Les autorités mozambicaines font état de cinq ressortissants tués et l’Ouganda d’un de ses citoyens battus à mort, ce que l’AFP n’a pas été en mesure de confirmer.
Outre ces victimes et des cas sporadiques de magasins pillés, les médias locaux ont rapporté que des Sud-Africains ordinaires s’étaient livrés à des contrôles d’identité au facies, exigeant d’un étranger de voir sa carte d’identité.
Des migrants sur le départ ont indiqué à l’AFP que leur propriétaire les avait expulsés par crainte de représailles ou que leur employeur les avait renvoyés de peur d’être verbalisé.
Pourquoi maintenant ?
C’est une succession de manifestations contre les immigrés clandestins depuis plusieurs mois qui a contribué à installer le climat actuel, plutôt qu’un événement particulier.
Fin 2025, plusieurs actions coup de poing visaient à interdire l’accès des hôpitaux aux immigrants illégaux. Le gouvernement y avait mis le holà.
Ces rassemblements, dépassant rarement quelques centaines de personnes, traduisent le ras-le-bol croissant d’une population face au chômage de masse et à la pauvreté, selon des analystes.
Le ressentiment est vif envers les immigrés africains détenteurs d’un emploi, même modeste, qui font des boucs-émissaires tout indiqué, ajoutent-ils.
Par ailleurs, des partis politiques alimentent la rhétorique antimigrants, perçue comme un argument de campagne efficace pour gagner des voix lors des municipales du 4 novembre.
Quelles ont été les réactions ?
Les discours antimigrants, les intimidations et les violences sporadiques ont déclenché une réponse régionale, plusieurs pays affrétant des avions ou des bus pour rapatrier leurs ressortissants.
L’Afrique du Sud compte environ trois millions d’immigrés en situation régulière (5,1% de la population), selon les statistiques officielles. Près de deux niveaux proviennent des pays voisins d’Afrique australe et de République démocratique du Congo.
Le Ghana a rapatrié par avion près de 1 000 ressortissants. Le Nigeria a, pour sa part, rapatrié environ 600 personnes. Ces chiffres viennent de l’Autorité sud-africaine de gestion des frontières, appelée BMA. Plus de 15 000 ressortissants du Malawi, du Zimbabwe et du Mozambique sont également rentrés chez eux.
Certains sont repartis par leurs propres moyens. D’autres ont été transportés par des bus affrétés par leurs gouvernements ou par l’Afrique du Sud.
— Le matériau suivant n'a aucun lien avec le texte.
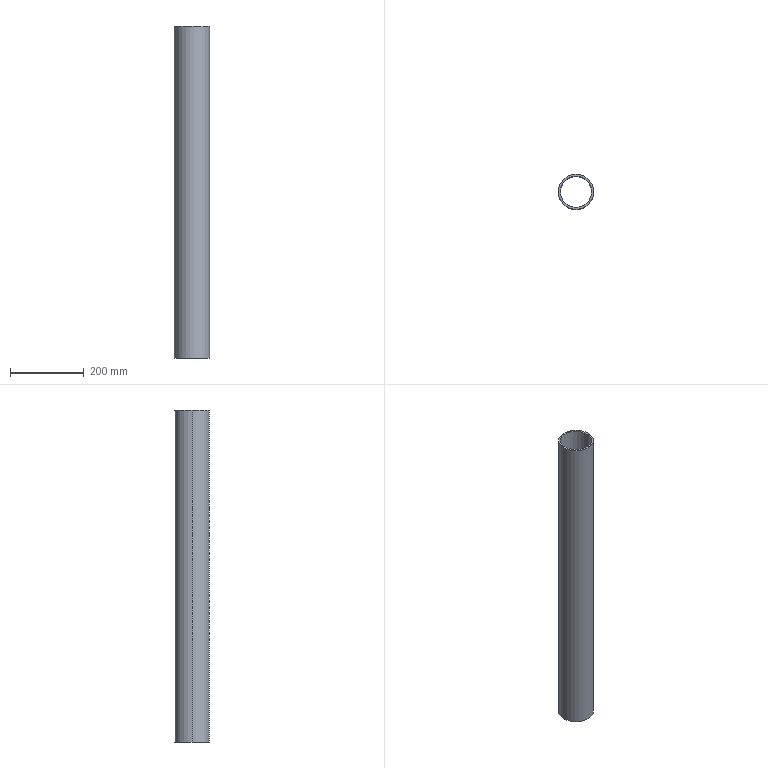Component | SolidWorks | CylinderWall1-1 | 1 solid | 6 faces | box 95 x 95 x 900 mm | volume 1272345 mm3 | cylinder 4 | plane 2 | commonest cylinder face diameters 85 x2 95 x2 | material 201 Annealed Stainless Steel (SS)
build123d program:
from build123d import *

# Parameters (mm, degrees)
SKETCH1_R           = 47.5
SKETCH1_R_2         = 42.5
BOSS_EXTRUDE1_DEPTH = 900


with BuildPart() as part:
    # Sketch1 → Boss-Extrude1 (new body)
    with BuildSketch(Plane.XY):
        Circle(SKETCH1_R)
        Circle(SKETCH1_R_2, mode=Mode.SUBTRACT)
    extrude(amount=BOSS_EXTRUDE1_DEPTH)


solid = part.part

# Placed as in the assembly
solid = solid.moved(Location((-7.456, 2.584, -375), (0, 0, 0)))
STEP:
#1=COLOUR_RGB('',0.7922,0.8196,0.9333);
#2=FILL_AREA_STYLE_COLOUR('',#1);
#3=FILL_AREA_STYLE('',(#2));
#4=SURFACE_STYLE_FILL_AREA(#3);
#5=SURFACE_SIDE_STYLE('',(#4));
#6=SURFACE_STYLE_USAGE(.BOTH.,#5);
#7=PRESENTATION_STYLE_ASSIGNMENT((#6));
#8=CARTESIAN_POINT('',(-1.967,0.1017,20.669));
#9=VERTEX_POINT('',#8);
#10=CARTESIAN_POINT('',(1.38,0.1017,20.669));
#11=VERTEX_POINT('',#10);
#12=CARTESIAN_POINT('',(-0.2935,0.1017,20.669));
#13=DIRECTION('',(0.,0.,1.));
#14=DIRECTION('',(1.,0.,0.));
#15=AXIS2_PLACEMENT_3D('',#12,#13,#14);
#16=CIRCLE('',#15,1.673);
#17=EDGE_CURVE('',#9,#11,#16,.T.);
#18=ORIENTED_EDGE('',*,*,#17,.T.);
#19=CARTESIAN_POINT('',(1.38,0.1017,-14.764));
#20=VERTEX_POINT('',#19);
#21=CARTESIAN_POINT('',(1.38,0.1017,20.669));
#22=DIRECTION('',(0.,0.,-1.));
#23=VECTOR('',#22,39.37);
#24=LINE('',#21,#23);
#25=EDGE_CURVE('',#11,#20,#24,.T.);
#26=ORIENTED_EDGE('',*,*,#25,.T.);
#27=CARTESIAN_POINT('',(-1.967,0.1017,-14.764));
#28=VERTEX_POINT('',#27);
#29=CARTESIAN_POINT('',(-0.2935,0.1017,-14.764));
#30=DIRECTION('',(0.,0.,1.));
#31=DIRECTION('',(1.,0.,0.));
#32=AXIS2_PLACEMENT_3D('',#29,#30,#31);
#33=CIRCLE('',#32,1.673);
#34=EDGE_CURVE('',#28,#20,#33,.T.);
#35=ORIENTED_EDGE('',*,*,#34,.F.);
#36=CARTESIAN_POINT('',(-1.967,0.1017,20.669));
#37=DIRECTION('',(0.,0.,-1.));
#38=VECTOR('',#37,39.37);
#39=LINE('',#36,#38);
#40=EDGE_CURVE('',#9,#28,#39,.T.);
#41=ORIENTED_EDGE('',*,*,#40,.F.);
#42=EDGE_LOOP('',(#18,#26,#35,#41));
#43=FACE_OUTER_BOUND('',#42,.T.);
#44=CARTESIAN_POINT('',(-0.2935,0.1017,20.669));
#45=DIRECTION('',(0.,0.,-1.));
#46=DIRECTION('',(-1.,0.,0.));
#47=AXIS2_PLACEMENT_3D('',#44,#45,#46);
#48=CYLINDRICAL_SURFACE('',#47,1.673);
#49=ADVANCED_FACE('',(#43),#48,.F.);
#50=CARTESIAN_POINT('',(1.577,0.1017,20.669));
#51=VERTEX_POINT('',#50);
#52=CARTESIAN_POINT('',(-2.164,0.1017,20.669));
#53=VERTEX_POINT('',#52);
#54=CARTESIAN_POINT('',(-0.2935,0.1017,20.669));
#55=DIRECTION('',(0.,0.,1.));
#56=DIRECTION('',(1.,0.,0.));
#57=AXIS2_PLACEMENT_3D('',#54,#55,#56);
#58=CIRCLE('',#57,1.87);
#59=EDGE_CURVE('',#51,#53,#58,.T.);
#60=ORIENTED_EDGE('',*,*,#59,.F.);
#61=CARTESIAN_POINT('',(1.577,0.1017,-14.764));
#62=VERTEX_POINT('',#61);
#63=CARTESIAN_POINT('',(1.577,0.1017,20.669));
#64=DIRECTION('',(0.,0.,-1.));
#65=VECTOR('',#64,39.37);
#66=LINE('',#63,#65);
#67=EDGE_CURVE('',#51,#62,#66,.T.);
#68=ORIENTED_EDGE('',*,*,#67,.T.);
#69=CARTESIAN_POINT('',(-2.164,0.1017,-14.764));
#70=VERTEX_POINT('',#69);
#71=CARTESIAN_POINT('',(-0.2935,0.1017,-14.764));
#72=DIRECTION('',(0.,0.,1.));
#73=DIRECTION('',(1.,0.,0.));
#74=AXIS2_PLACEMENT_3D('',#71,#72,#73);
#75=CIRCLE('',#74,1.87);
#76=EDGE_CURVE('',#62,#70,#75,.T.);
#77=ORIENTED_EDGE('',*,*,#76,.T.);
#78=CARTESIAN_POINT('',(-2.164,0.1017,20.669));
#79=DIRECTION('',(0.,0.,-1.));
#80=VECTOR('',#79,39.37);
#81=LINE('',#78,#80);
#82=EDGE_CURVE('',#53,#70,#81,.T.);
#83=ORIENTED_EDGE('',*,*,#82,.F.);
#84=EDGE_LOOP('',(#60,#68,#77,#83));
#85=FACE_OUTER_BOUND('',#84,.T.);
#86=CARTESIAN_POINT('',(-0.2935,0.1017,20.669));
#87=DIRECTION('',(0.,0.,-1.));
#88=DIRECTION('',(-1.,0.,0.));
#89=AXIS2_PLACEMENT_3D('',#86,#87,#88);
#90=CYLINDRICAL_SURFACE('',#89,1.87);
#91=ADVANCED_FACE('',(#85),#90,.T.);
#92=CARTESIAN_POINT('',(-0.2935,0.1017,20.669));
#93=DIRECTION('',(0.,0.,1.));
#94=DIRECTION('',(1.,0.,0.));
#95=AXIS2_PLACEMENT_3D('',#92,#93,#94);
#96=CIRCLE('',#95,1.87);
#97=EDGE_CURVE('',#53,#51,#96,.T.);
#98=ORIENTED_EDGE('',*,*,#97,.T.);
#99=ORIENTED_EDGE('',*,*,#59,.T.);
#100=EDGE_LOOP('',(#98,#99));
#101=FACE_OUTER_BOUND('',#100,.T.);
#102=ORIENTED_EDGE('',*,*,#17,.F.);
#103=CARTESIAN_POINT('',(-0.2935,0.1017,20.669));
#104=DIRECTION('',(0.,0.,1.));
#105=DIRECTION('',(1.,0.,0.));
#106=AXIS2_PLACEMENT_3D('',#103,#104,#105);
#107=CIRCLE('',#106,1.673);
#108=EDGE_CURVE('',#11,#9,#107,.T.);
#109=ORIENTED_EDGE('',*,*,#108,.F.);
#110=EDGE_LOOP('',(#102,#109));
#111=FACE_BOUND('',#110,.T.);
#112=CARTESIAN_POINT('',(-0.2935,0.1017,20.669));
#113=DIRECTION('',(0.,0.,1.));
#114=DIRECTION('',(1.,0.,0.));
#115=AXIS2_PLACEMENT_3D('',#112,#113,#114);
#116=PLANE('',#115);
#117=ADVANCED_FACE('',(#101,#111),#116,.T.);
#118=CARTESIAN_POINT('',(-0.2935,0.1017,-14.764));
#119=DIRECTION('',(0.,0.,1.));
#120=DIRECTION('',(1.,0.,0.));
#121=AXIS2_PLACEMENT_3D('',#118,#119,#120);
#122=CIRCLE('',#121,1.87);
#123=EDGE_CURVE('',#70,#62,#122,.T.);
#124=ORIENTED_EDGE('',*,*,#123,.F.);
#125=ORIENTED_EDGE('',*,*,#76,.F.);
#126=EDGE_LOOP('',(#124,#125));
#127=FACE_OUTER_BOUND('',#126,.T.);
#128=ORIENTED_EDGE('',*,*,#34,.T.);
#129=CARTESIAN_POINT('',(-0.2935,0.1017,-14.764));
#130=DIRECTION('',(0.,0.,1.));
#131=DIRECTION('',(1.,0.,0.));
#132=AXIS2_PLACEMENT_3D('',#129,#130,#131);
#133=CIRCLE('',#132,1.673);
#134=EDGE_CURVE('',#20,#28,#133,.T.);
#135=ORIENTED_EDGE('',*,*,#134,.T.);
#136=EDGE_LOOP('',(#128,#135));
#137=FACE_BOUND('',#136,.T.);
#138=CARTESIAN_POINT('',(-0.2935,0.1017,-14.764));
#139=DIRECTION('',(0.,0.,1.));
#140=DIRECTION('',(1.,0.,0.));
#141=AXIS2_PLACEMENT_3D('',#138,#139,#140);
#142=PLANE('',#141);
#143=ADVANCED_FACE('',(#127,#137),#142,.F.);
#144=ORIENTED_EDGE('',*,*,#67,.F.);
#145=ORIENTED_EDGE('',*,*,#97,.F.);
#146=ORIENTED_EDGE('',*,*,#82,.T.);
#147=ORIENTED_EDGE('',*,*,#123,.T.);
#148=EDGE_LOOP('',(#144,#145,#146,#147));
#149=FACE_OUTER_BOUND('',#148,.T.);
#150=CARTESIAN_POINT('',(-0.2935,0.1017,20.669));
#151=DIRECTION('',(0.,0.,-1.));
#152=DIRECTION('',(-1.,0.,0.));
#153=AXIS2_PLACEMENT_3D('',#150,#151,#152);
#154=CYLINDRICAL_SURFACE('',#153,1.87);
#155=ADVANCED_FACE('',(#149),#154,.T.);
#156=ORIENTED_EDGE('',*,*,#25,.F.);
#157=ORIENTED_EDGE('',*,*,#108,.T.);
#158=ORIENTED_EDGE('',*,*,#40,.T.);
#159=ORIENTED_EDGE('',*,*,#134,.F.);
#160=EDGE_LOOP('',(#156,#157,#158,#159));
#161=FACE_OUTER_BOUND('',#160,.T.);
#162=CARTESIAN_POINT('',(-0.2935,0.1017,20.669));
#163=DIRECTION('',(0.,0.,-1.));
#164=DIRECTION('',(-1.,0.,0.));
#165=AXIS2_PLACEMENT_3D('',#162,#163,#164);
#166=CYLINDRICAL_SURFACE('',#165,1.673);
#167=ADVANCED_FACE('',(#161),#166,.F.);
#168=CLOSED_SHELL('',(#49,#91,#117,#143,#155,#167));
#169=MANIFOLD_SOLID_BREP('',#168);
#170=STYLED_ITEM('',(#7),#169);
#171=PRESENTATION_LAYER_ASSIGNMENT('','',(#170));
#172=(LENGTH_UNIT()NAMED_UNIT(*)SI_UNIT($,.METRE.));
#173=LENGTH_MEASURE_WITH_UNIT(LENGTH_MEASURE(0.0254),#172);
#174=DIMENSIONAL_EXPONENTS(1.,0.,0.,0.,0.,0.,0.);
#175=(CONVERSION_BASED_UNIT('',#173)LENGTH_UNIT()NAMED_UNIT(#174));
#176=UNCERTAINTY_MEASURE_WITH_UNIT(LENGTH_MEASURE(0.00001),#175,'','');
#177=(NAMED_UNIT(*)PLANE_ANGLE_UNIT()SI_UNIT($,.RADIAN.));
#178=(NAMED_UNIT(*)SI_UNIT($,.STERADIAN.)SOLID_ANGLE_UNIT());
#179=(GEOMETRIC_REPRESENTATION_CONTEXT(3)GLOBAL_UNCERTAINTY_ASSIGNED_CONTEXT((#176))GLOBAL_UNIT_ASSIGNED_CONTEXT((#175,#177,#178))REPRESENTATION_CONTEXT('',''));
#180=MECHANICAL_DESIGN_GEOMETRIC_PRESENTATION_REPRESENTATION('',(#170),#179);
#181=CARTESIAN_POINT('',(0.,0.,0.));
#182=DIRECTION('',(0.,0.,1.));
#183=DIRECTION('',(1.,0.,0.));
#184=AXIS2_PLACEMENT_3D('',#181,#182,#183);
#185=(LENGTH_UNIT()NAMED_UNIT(*)SI_UNIT($,.METRE.));
#186=LENGTH_MEASURE_WITH_UNIT(LENGTH_MEASURE(0.0254),#185);
#187=DIMENSIONAL_EXPONENTS(1.,0.,0.,0.,0.,0.,0.);
#188=(CONVERSION_BASED_UNIT('',#186)LENGTH_UNIT()NAMED_UNIT(#187));
#189=UNCERTAINTY_MEASURE_WITH_UNIT(LENGTH_MEASURE(0.00001),#188,'','');
#190=(NAMED_UNIT(*)PLANE_ANGLE_UNIT()SI_UNIT($,.RADIAN.));
#191=(NAMED_UNIT(*)SI_UNIT($,.STERADIAN.)SOLID_ANGLE_UNIT());
#192=(GEOMETRIC_REPRESENTATION_CONTEXT(3)GLOBAL_UNCERTAINTY_ASSIGNED_CONTEXT((#189))GLOBAL_UNIT_ASSIGNED_CONTEXT((#188,#190,#191))REPRESENTATION_CONTEXT('',''));
#193=ADVANCED_BREP_SHAPE_REPRESENTATION('',(#169,#184),#192);

Selon la BMA, une grande majorité d’entre eux séjournait en situation irrégulière en Afrique du Sud.
Plusieurs milliers d’autres personnes étaient regroupées dans des camps de fortune. D’autres attendaient devant leur consulat au Cap, à Durban et à Johannesburg. Elles espéraient être rapatriées vers leurs pays d’origine. Le gouvernement sud-africain a rejeté les accusations de xénophobie.
Il a aussi appelé les pays africains à agir contre les crises économiques. Selon lui, ces crises alimentent les migrations sur le continent. Le gouvernement évoque également les problèmes de gouvernance dans plusieurs pays africains.